Porque me parece ter ficado com dúvidas relativamente aos verdadeiros motivos da minha renúncia, em 24 de Setembro último, ao mandato da Assembleia Municipal do Sabugal para que fui eleito na lista da coligação PSD/PP, tem esta como objectivo dissipar essas dúvidas e ao mesmo tempo esclarecer todas as pessoas que me questionaram sobre o assunto e a quem este possa interessar.

Como referi em várias ocasiões, não estava na Assembleia Municipal para ajudar a conseguir objectivos pessoais, partidários ou de grupos, quaisquer que eles fossem, mas, tendo em consideração a minha experiência autárquica de muitos anos, tão só para, com o meu modesto mas sério contributo poder ser útil ao processo de desenvolvimento do meu concelho e assim, de alguma forma, ajudar os que não têm voz e os que mais precisam. Como sabe, várias vezes manifestei a minha discordância e votei contra propostas da Câmara Municipal porque em consciência entendi não serem as mais adequadas ao modelo de desenvolvimento que defendo para o concelho. Por isso me opus à aprovação das Grandes Opções do Plano para o quadriénio 2003-2006 e questionei a priorização de alguns investimentos. O facto de ter votado vencido em algumas das decisões mais importantes da Assembleia Municipal não me inibiu de aceitar democraticamente essas decisões e de colaborar activamente na única Comissão da Assembleia que até este momento fez algum trabalho, como foi a Comissão de acompanhamento do Plano de Ordenamento da Albufeira do Sabugal.

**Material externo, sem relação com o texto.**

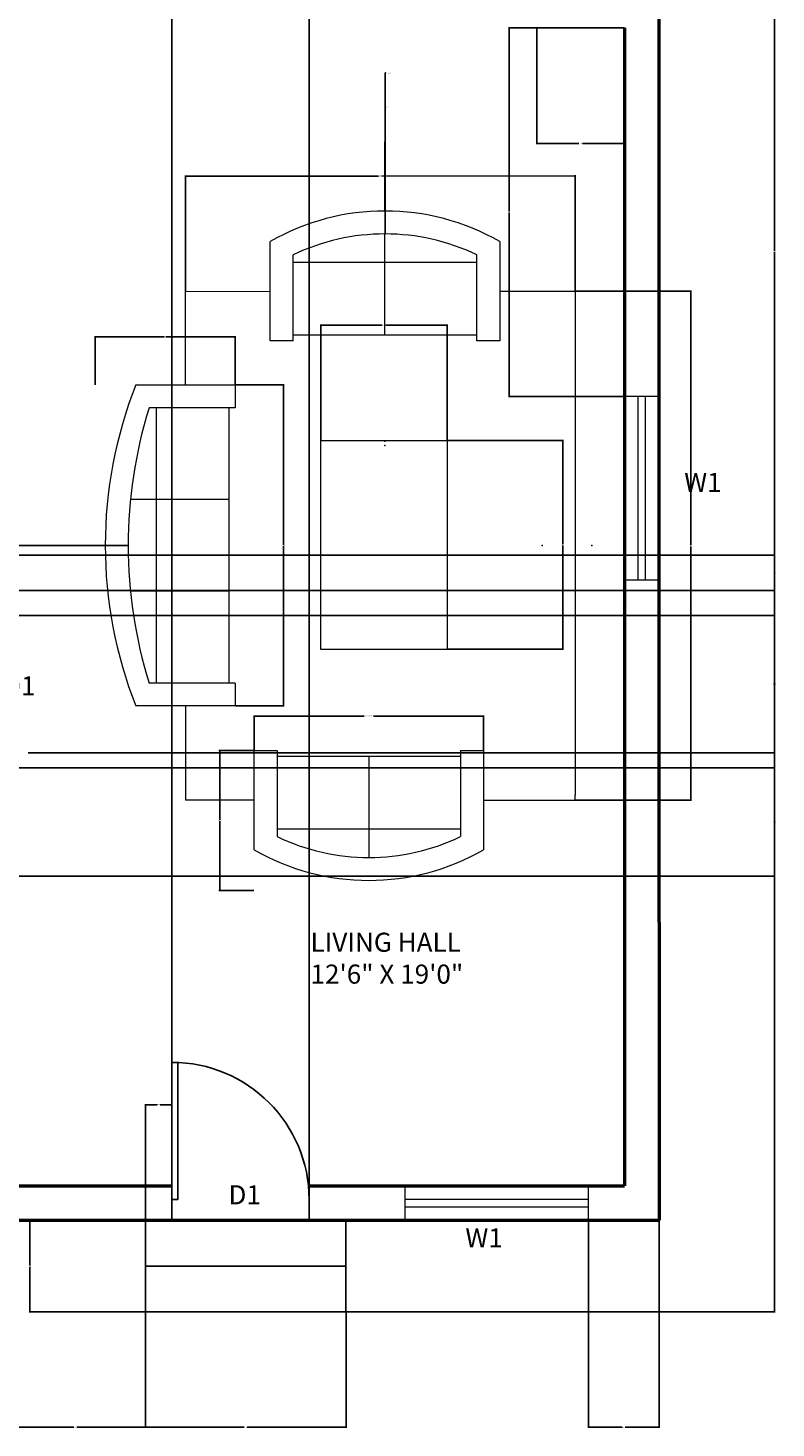
# Model space of a CAD drawing. Units: inches. Extents: x 437 to 811, y 2074 to 2699.
# Tile 2 of 4: x 615 to 811, y 2074 to 2441. Entities that reach past the tile are written whole.
import ezdxf

# ---------------------------------------------------------------- set-up
doc = ezdxf.new("R2010")
doc.units = ezdxf.units.IN
for name, color, linetype, lineweight in [('A-ANNO-DIMS', 2, 'Continuous', 18), ('A-ANNO-TEXT', 7, 'Continuous', 18), ('A-AREA-IDEN', 7, 'Continuous', 25), ('A-DOOR', 4, 'Continuous', 25), ('A-FLOR-STRS', 7, 'Continuous', 25), ('A-FURN', 8, 'Continuous', 18), ('A-GLAZ', 4, 'Continuous', 18), ('A-WALL', 7, 'Continuous', 50)]:
    doc.layers.add(name, color=color, linetype=linetype, lineweight=lineweight)
doc.styles.get("Standard").update_dxf_attribs({"font": 'arial.ttf'})
doc.dimstyles.get("Standard").update_dxf_attribs({"dimtxt": 0.18, "dimasz": 0.18, "dimexe": 0.18, "dimexo": 0.0625, "dimgap": 0.09, "dimtad": 0, "dimtih": 1, "dimtoh": 1, "dimdec": 4, "dimzin": 0, "dimdsep": 46, "dimtxsty": 'Standard', "dimcen": 0.09, "dimadec": 0, "dimazin": 0, "dimtfac": 1, "dimtdec": 4, "dimtofl": 0, "dimtmove": 0, "dimatfit": 3, "dimfxl": 1, "dimtolj": 1, "dimtzin": 0, "dimarcsym": 0})

# ---------------------------------------------------------------- blocks, each defined once
blk = doc.blocks.new('Sofa - Roundback 7 ft.')
for p, q in [((-12.00002, -32.4421), (-12.00003, -6.5971)), ((11.99997, -32.4421), (11.99998, -6.5971)), ((-36.000027, -34), (-36.000027, -11.4696)), ((-35.999844, -13.3819), (35.9998, -13.3819)), ((35.99998, -34), (35.99998, -11.4696)), ((-36.000027, -32.4421), (35.99998, -32.4421))]:
    blk.add_line(p, q)
for points in [[(-36.000027, -34), (-42.000027, -34), (-42.000027, -8)], [(41.99998, -8), (41.99998, -34), (35.99998, -34)]]:
    blk.add_lwpolyline(points)
for centre, radius, start, end in [((0, -114.25), 114.25, 68.43141, 111.5686), ((-0.00001, -127.1968), 121.1968, 72.72033, 107.2797)]:
    blk.add_arc(centre, radius, start, end)
blk = doc.blocks.new('Sofa - Roundback Loveseat 5 ft.')
for p, q in [((0, -32.44198), (0, -5.99998)), ((-24, -33.99998), (-24, -11.46958)), ((-23.9998, -13.38178), (23.99986, -13.38178)), ((24.00004, -33.99998), (24.00004, -11.46958)), ((-24, -32.44198), (24.00004, -32.44198))]:
    blk.add_line(p, q)
for points in [[(-24, -33.99998), (-30, -33.99998), (-30, -7.99998)], [(30.00004, -7.99998), (30.00004, -33.99998), (24.00004, -33.99998)]]:
    blk.add_lwpolyline(points)
for centre, radius, start, end in [((0, -60.24998), 60.24998, 60.13715, 119.8628), ((0, -61.38438), 55.38444, 64.32083, 115.6792)]:
    blk.add_arc(centre, radius, start, end)
blk = doc.blocks.new('*U10')
for p, q in [((0, 0), (0, -6)), ((40, 0), (40, -6))]:
    blk.add_line(p, q)
blk.add_lwpolyline([(0, 0), (0, 40), (1.75, 40), (1.75, 0)], close=True)
blk.add_arc((0, 0), 40, 0, 90)
blk = doc.blocks.new('WIN-W1-48IN')
for p, q in [((0, 5.5), (48, 5.5)), ((0, 3.5), (48, 3.5))]:
    blk.add_line(p, q)
blk.add_lwpolyline([(0, 0), (48, 0), (48, 9), (0, 9)], close=True)
blk = doc.blocks.new('*D26')
at = {"layer": 'A-ANNO-DIMS', "color": 0, "lineweight": -2, "transparency": 16777216}
for p, q in [((674.12, 2251.79), (674.12, 2260.91)), ((674.3, 2260.73), (702.89, 2260.73)), ((733.94, 2260.73), (705.34, 2260.73)), ((734.12, 2251.79), (734.12, 2260.91))]:
    blk.add_line(p, q, dxfattribs=at)
at = {"layer": 'A-ANNO-DIMS', "color": 0, "transparency": 16777216}
for points in [[(674.3, 2260.76), (674.3, 2260.7), (674.12, 2260.73)], [(733.94, 2260.76), (733.94, 2260.7), (734.12, 2260.73)]]:
    blk.add_solid(points, dxfattribs=at)
at = {"layer": 'Defpoints', "color": 0, "transparency": 16777216}
for p in [(674.12, 2260.73), (674.12, 2251.73), (734.12, 2251.73)]:
    blk.add_point(p, dxfattribs=at)
at = {"layer": 'A-ANNO-DIMS', "color": 0, "transparency": 16777216, "insert": (704.12, 2260.73), "char_height": 0.18, "attachment_point": 5}
blk.add_mtext('\\A1;LOVESEAT 60 TYP.', dxfattribs=at)
blk = doc.blocks.new('*D27')
at = {"layer": 'A-ANNO-DIMS', "color": 0, "lineweight": -2, "transparency": 16777216}
for p, q in [((674.05, 2251.73), (664.94, 2251.73)), ((665.12, 2251.55), (665.12, 2233.58)), ((665.12, 2215.25), (665.12, 2233.22)), ((674.05, 2215.07), (664.94, 2215.07))]:
    blk.add_line(p, q, dxfattribs=at)
at = {"layer": 'A-ANNO-DIMS', "color": 0, "transparency": 16777216}
for points in [[(665.09, 2251.55), (665.15, 2251.55), (665.12, 2251.73)], [(665.09, 2215.25), (665.15, 2215.25), (665.12, 2215.07)]]:
    blk.add_solid(points, dxfattribs=at)
at = {"layer": 'Defpoints', "color": 0, "transparency": 16777216}
for p in [(674.12, 2251.73), (665.12, 2215.07), (674.12, 2215.07)]:
    blk.add_point(p, dxfattribs=at)
at = {"layer": 'A-ANNO-DIMS', "color": 0, "transparency": 16777216, "insert": (665.12, 2233.4), "char_height": 0.18, "attachment_point": 5}
blk.add_mtext('\\A1;37 TYP.', dxfattribs=at)
blk = doc.blocks.new('*D36')
at = {"layer": 'A-ANNO-DIMS', "color": 0, "lineweight": -2, "transparency": 16777216}
for p, q in [((669.25, 2347.38), (681.97, 2347.38)), ((681.79, 2347.2), (681.79, 2305.57)), ((681.79, 2263.56), (681.79, 2305.2)), ((669.25, 2263.38), (681.97, 2263.38))]:
    blk.add_line(p, q, dxfattribs=at)
at = {"layer": 'A-ANNO-DIMS', "color": 0, "transparency": 16777216}
for points in [[(681.76, 2347.2), (681.82, 2347.2), (681.79, 2347.38)], [(681.76, 2263.56), (681.82, 2263.56), (681.79, 2263.38)]]:
    blk.add_solid(points, dxfattribs=at)
at = {"layer": 'Defpoints', "color": 0, "transparency": 16777216}
for p in [(669.19, 2347.38), (681.79, 2347.38), (669.19, 2263.38)]:
    blk.add_point(p, dxfattribs=at)
at = {"layer": 'A-ANNO-DIMS', "color": 0, "transparency": 16777216, "insert": (681.79, 2305.38), "char_height": 0.18, "attachment_point": 5}
blk.add_mtext('\\A1;SOFA 84', dxfattribs=at)
blk = doc.blocks.new('*D37')
at = {"layer": 'A-ANNO-DIMS', "color": 0, "lineweight": -2, "transparency": 16777216}
for p, q in [((632.53, 2347.44), (632.53, 2360.16)), ((632.71, 2359.98), (650.64, 2359.98)), ((669.01, 2359.98), (651.08, 2359.98)), ((669.19, 2347.44), (669.19, 2360.16))]:
    blk.add_line(p, q, dxfattribs=at)
at = {"layer": 'A-ANNO-DIMS', "color": 0, "transparency": 16777216}
for points in [[(632.71, 2360.01), (632.71, 2359.95), (632.53, 2359.98)], [(669.01, 2360.01), (669.01, 2359.95), (669.19, 2359.98)]]:
    blk.add_solid(points, dxfattribs=at)
at = {"layer": 'Defpoints', "color": 0, "transparency": 16777216}
for p in [(632.53, 2359.98), (632.53, 2347.38), (669.19, 2347.38)]:
    blk.add_point(p, dxfattribs=at)
at = {"layer": 'A-ANNO-DIMS', "color": 0, "transparency": 16777216, "insert": (650.86, 2359.98), "char_height": 0.18, "attachment_point": 5}
blk.add_mtext('\\A1;37', dxfattribs=at)
blk = doc.blocks.new('*D42')
at = {"layer": 'A-ANNO-DIMS', "color": 0, "lineweight": -2, "transparency": 16777216}
for p, q in [((645.63, 2128.8), (615.31, 2128.8)), ((615.49, 2128.62), (615.49, 2116.98)), ((615.49, 2104.98), (615.49, 2116.62)), ((645.63, 2104.8), (615.31, 2104.8))]:
    blk.add_line(p, q, dxfattribs=at)
at = {"layer": 'A-ANNO-DIMS', "color": 0, "transparency": 16777216}
for points in [[(615.46, 2128.62), (615.52, 2128.62), (615.49, 2128.8)], [(615.46, 2104.98), (615.52, 2104.98), (615.49, 2104.8)]]:
    blk.add_solid(points, dxfattribs=at)
at = {"layer": 'Defpoints', "color": 0, "transparency": 16777216}
for p in [(615.49, 2128.8), (645.69, 2128.8), (645.69, 2104.8)]:
    blk.add_point(p, dxfattribs=at)
at = {"layer": 'A-ANNO-DIMS', "color": 0, "transparency": 16777216, "insert": (615.49, 2116.8), "char_height": 0.18, "attachment_point": 5}
blk.add_mtext('\\A1;24', dxfattribs=at)
blk = doc.blocks.new('*D43')
at = {"layer": 'A-ANNO-DIMS', "color": 0, "lineweight": -2, "transparency": 16777216}
for p, q in [((645.69, 2104.74), (645.69, 2074.42)), ((698.15, 2104.74), (698.15, 2074.42)), ((645.87, 2074.6), (671.53, 2074.6)), ((697.97, 2074.6), (672.31, 2074.6))]:
    blk.add_line(p, q, dxfattribs=at)
at = {"layer": 'A-ANNO-DIMS', "color": 0, "transparency": 16777216}
for points in [[(645.87, 2074.63), (645.87, 2074.57), (645.69, 2074.6)], [(697.97, 2074.63), (697.97, 2074.57), (698.15, 2074.6)]]:
    blk.add_solid(points, dxfattribs=at)
at = {"layer": 'Defpoints', "color": 0, "transparency": 16777216}
for p in [(645.69, 2104.8), (698.15, 2104.8), (698.15, 2074.6)]:
    blk.add_point(p, dxfattribs=at)
at = {"layer": 'A-ANNO-DIMS', "color": 0, "transparency": 16777216, "insert": (671.92, 2074.6), "char_height": 0.18, "attachment_point": 5}
blk.add_mtext('\\A1;52.46', dxfattribs=at)
blk = doc.blocks.new('*D44')
at = {"layer": 'A-ANNO-DIMS', "color": 0, "lineweight": -2, "transparency": 16777216}
for p, q in [((609, 2137.74), (609, 2074.42)), ((645.69, 2104.74), (645.69, 2074.42)), ((609.18, 2074.6), (626.95, 2074.6)), ((645.51, 2074.6), (627.74, 2074.6))]:
    blk.add_line(p, q, dxfattribs=at)
at = {"layer": 'A-ANNO-DIMS', "color": 0, "transparency": 16777216}
for points in [[(609.18, 2074.63), (609.18, 2074.57), (609, 2074.6)], [(645.51, 2074.63), (645.51, 2074.57), (645.69, 2074.6)]]:
    blk.add_solid(points, dxfattribs=at)
at = {"layer": 'Defpoints', "color": 0, "transparency": 16777216}
for p in [(609, 2137.8), (645.69, 2104.8), (645.69, 2074.6)]:
    blk.add_point(p, dxfattribs=at)
at = {"layer": 'A-ANNO-DIMS', "color": 0, "transparency": 16777216, "insert": (627.35, 2074.6), "char_height": 0.18, "attachment_point": 5}
blk.add_mtext('\\A1;36.69', dxfattribs=at)
blk = doc.blocks.new('*D45')
at = {"layer": 'A-ANNO-DIMS', "color": 0, "lineweight": -2, "transparency": 16777216}
for p, q in [((652.6, 2128.86), (652.6, 2690.18)), ((652.78, 2690), (670.09, 2690)), ((688.34, 2690), (671.02, 2690)), ((688.52, 2128.86), (688.52, 2690.18))]:
    blk.add_line(p, q, dxfattribs=at)
at = {"layer": 'A-ANNO-DIMS', "color": 0, "transparency": 16777216}
for points in [[(652.78, 2690.03), (652.78, 2689.97), (652.6, 2690)], [(688.34, 2690.03), (688.34, 2689.97), (688.52, 2690)]]:
    blk.add_solid(points, dxfattribs=at)
at = {"layer": 'Defpoints', "color": 0, "transparency": 16777216}
for p in [(688.52, 2690), (652.6, 2128.8), (688.52, 2128.8)]:
    blk.add_point(p, dxfattribs=at)
at = {"layer": 'A-ANNO-DIMS', "color": 0, "transparency": 16777216, "insert": (670.56, 2690), "char_height": 0.18, "attachment_point": 5}
blk.add_mtext('\\A1;35.924', dxfattribs=at)
blk = doc.blocks.new('*D46')
at = {"layer": 'A-ANNO-DIMS', "color": 0, "lineweight": -2, "transparency": 16777216}
for p, q in [((645.69, 2128.86), (645.69, 2159.18)), ((645.87, 2159), (648.75, 2159)), ((652.42, 2159), (649.54, 2159)), ((652.6, 2128.86), (652.6, 2159.18))]:
    blk.add_line(p, q, dxfattribs=at)
at = {"layer": 'A-ANNO-DIMS', "color": 0, "transparency": 16777216}
for points in [[(645.87, 2159.03), (645.87, 2158.97), (645.69, 2159)], [(652.42, 2159.03), (652.42, 2158.97), (652.6, 2159)]]:
    blk.add_solid(points, dxfattribs=at)
at = {"layer": 'Defpoints', "color": 0, "transparency": 16777216}
for p in [(652.6, 2159), (645.69, 2128.8), (652.6, 2128.8)]:
    blk.add_point(p, dxfattribs=at)
at = {"layer": 'A-ANNO-DIMS', "color": 0, "transparency": 16777216, "insert": (649.14, 2159), "char_height": 0.18, "attachment_point": 5}
blk.add_mtext('\\A1;6.903', dxfattribs=at)
blk = doc.blocks.new('*D47')
at = {"layer": 'A-ANNO-DIMS', "color": 0, "lineweight": -2, "transparency": 16777216}
for p, q in [((761.56, 2128.74), (761.56, 2074.42)), ((780, 2128.74), (780, 2074.42)), ((761.74, 2074.6), (770.4, 2074.6)), ((779.82, 2074.6), (771.17, 2074.6))]:
    blk.add_line(p, q, dxfattribs=at)
at = {"layer": 'A-ANNO-DIMS', "color": 0, "transparency": 16777216}
for points in [[(761.74, 2074.63), (761.74, 2074.57), (761.56, 2074.6)], [(779.82, 2074.63), (779.82, 2074.57), (780, 2074.6)]]:
    blk.add_solid(points, dxfattribs=at)
at = {"layer": 'Defpoints', "color": 0, "transparency": 16777216}
for p in [(761.56, 2128.8), (780, 2128.8), (780, 2074.6)]:
    blk.add_point(p, dxfattribs=at)
at = {"layer": 'A-ANNO-DIMS', "color": 0, "transparency": 16777216, "insert": (770.78, 2074.6), "char_height": 0.18, "attachment_point": 5}
blk.add_mtext('\\A1;18.44', dxfattribs=at)
blk = doc.blocks.new('*D55')
at = {"layer": 'A-ANNO-DIMS', "color": 0, "lineweight": -2, "transparency": 16777216}
for p, q in [((770.94, 2440.8), (740.62, 2440.8)), ((740.8, 2440.62), (740.8, 2392.78)), ((740.8, 2344.57), (740.8, 2392.41)), ((770.94, 2344.39), (740.62, 2344.39))]:
    blk.add_line(p, q, dxfattribs=at)
at = {"layer": 'A-ANNO-DIMS', "color": 0, "transparency": 16777216}
for points in [[(740.77, 2440.62), (740.83, 2440.62), (740.8, 2440.8)], [(740.77, 2344.57), (740.83, 2344.57), (740.8, 2344.39)]]:
    blk.add_solid(points, dxfattribs=at)
at = {"layer": 'Defpoints', "color": 0, "transparency": 16777216}
for p in [(740.8, 2440.8), (771, 2440.8), (771, 2344.39)]:
    blk.add_point(p, dxfattribs=at)
at = {"layer": 'A-ANNO-DIMS', "color": 0, "transparency": 16777216, "insert": (740.8, 2392.59), "char_height": 0.18, "attachment_point": 5}
blk.add_mtext('\\A1;96.4', dxfattribs=at)
blk = doc.blocks.new('*D64')
at = {"layer": 'A-ANNO-DIMS', "color": 0, "lineweight": -2, "transparency": 16777216}
for p, q in [((615.07, 2287.06), (810.38, 2287.06)), ((810.2, 2286.88), (810.2, 2269.28)), ((810.2, 2251.31), (810.2, 2268.91)), ((615.07, 2251.13), (810.38, 2251.13))]:
    blk.add_line(p, q, dxfattribs=at)
at = {"layer": 'A-ANNO-DIMS', "color": 0, "transparency": 16777216}
for points in [[(810.17, 2286.88), (810.23, 2286.88), (810.2, 2287.06)], [(810.17, 2251.31), (810.23, 2251.31), (810.2, 2251.13)]]:
    blk.add_solid(points, dxfattribs=at)
at = {"layer": 'Defpoints', "color": 0, "transparency": 16777216}
for p in [(615, 2287.06), (810.2, 2287.06), (615, 2251.13)]:
    blk.add_point(p, dxfattribs=at)
at = {"layer": 'A-ANNO-DIMS', "color": 0, "transparency": 16777216, "insert": (810.2, 2269.1), "char_height": 0.18, "attachment_point": 5}
blk.add_mtext('\\A1;35.924', dxfattribs=at)
blk = doc.blocks.new('*D65')
at = {"layer": 'A-ANNO-DIMS', "color": 0, "lineweight": -2, "transparency": 16777216}
for p, q in [((609.07, 2302.8), (810.38, 2302.8)), ((810.2, 2302.62), (810.2, 2295.11)), ((810.2, 2287.23), (810.2, 2294.74)), ((609.07, 2287.05), (810.38, 2287.05))]:
    blk.add_line(p, q, dxfattribs=at)
at = {"layer": 'A-ANNO-DIMS', "color": 0, "transparency": 16777216}
for points in [[(810.17, 2302.62), (810.23, 2302.62), (810.2, 2302.8)], [(810.17, 2287.23), (810.23, 2287.23), (810.2, 2287.05)]]:
    blk.add_solid(points, dxfattribs=at)
at = {"layer": 'Defpoints', "color": 0, "transparency": 16777216}
for p in [(609, 2302.8), (810.2, 2302.8), (609, 2287.05)]:
    blk.add_point(p, dxfattribs=at)
at = {"layer": 'A-ANNO-DIMS', "color": 0, "transparency": 16777216, "insert": (810.2, 2294.93), "char_height": 0.18, "attachment_point": 5}
blk.add_mtext('\\A1;15.747', dxfattribs=at)
blk = doc.blocks.new('*D68')
at = {"layer": 'A-ANNO-DIMS', "color": 0, "lineweight": -2, "transparency": 16777216}
for p, q in [((609.07, 2247.18), (810.38, 2247.18)), ((810.2, 2247), (810.2, 2233.17)), ((810.2, 2218.98), (810.2, 2232.81)), ((609.07, 2218.8), (810.38, 2218.8))]:
    blk.add_line(p, q, dxfattribs=at)
at = {"layer": 'A-ANNO-DIMS', "color": 0, "transparency": 16777216}
for points in [[(810.17, 2247), (810.23, 2247), (810.2, 2247.18)], [(810.17, 2218.98), (810.23, 2218.98), (810.2, 2218.8)]]:
    blk.add_solid(points, dxfattribs=at)
at = {"layer": 'Defpoints', "color": 0, "transparency": 16777216}
for p in [(609, 2247.18), (810.2, 2247.18), (609, 2218.8)]:
    blk.add_point(p, dxfattribs=at)
at = {"layer": 'A-ANNO-DIMS', "color": 0, "transparency": 16777216, "insert": (810.2, 2232.99), "char_height": 0.18, "attachment_point": 5}
blk.add_mtext('\\A1;28.384', dxfattribs=at)
blk = doc.blocks.new('*D70')
at = {"layer": 'A-ANNO-DIMS', "color": 0, "lineweight": -2, "transparency": 16777216}
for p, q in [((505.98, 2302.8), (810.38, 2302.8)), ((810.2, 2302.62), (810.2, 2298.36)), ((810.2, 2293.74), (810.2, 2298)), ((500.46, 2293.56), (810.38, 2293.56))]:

De facto, sempre entendi o desempenho de funções políticas como um serviço que é prestado aos outros e à comunidade em geral. O exercício do poder em democracia exige o cumprimento de valores e princípios inalienáveis como a independência, o rigor, a imparcialidade, a justiça, a transparência e a igualdade, valores e princípios legal e constitucionalmente reconhecidos.

Não entende o mesmo o senhor Presidente que, depois de ter criado no quadro de pessoal da Câmara mais um lugar (na opinião de muitos desnecessário) de veterinário municipal, possibilita que um filho seu ocupe esse lugar. Não satisfeito com a façanha, eis senão quando surge a sua filha a ocupar mais um lugar de técnico superior de sociologia na Câmara do Sabugal, também na sequência de concurso público aberto para o efeito… A isto, senhor Presidente, chama-se nepotismo e nepotismo elevado à sua essência mais pura. Não me admira que não saiba o que isto significa. Consulte um bom dicionário de língua portuguesa e verá que a sua acção não é tão ingénua e inocente como tentou fazer crer na reunião da Assembleia Municipal de 24 de Setembro. Penso até que uma análise rigorosa a todos os contornos da sua participação nos processos de concurso e selecção em causa poderia conduzir a uma acusação pela prática do crime de abuso de poder previsto e punido pelo Código Penal Português.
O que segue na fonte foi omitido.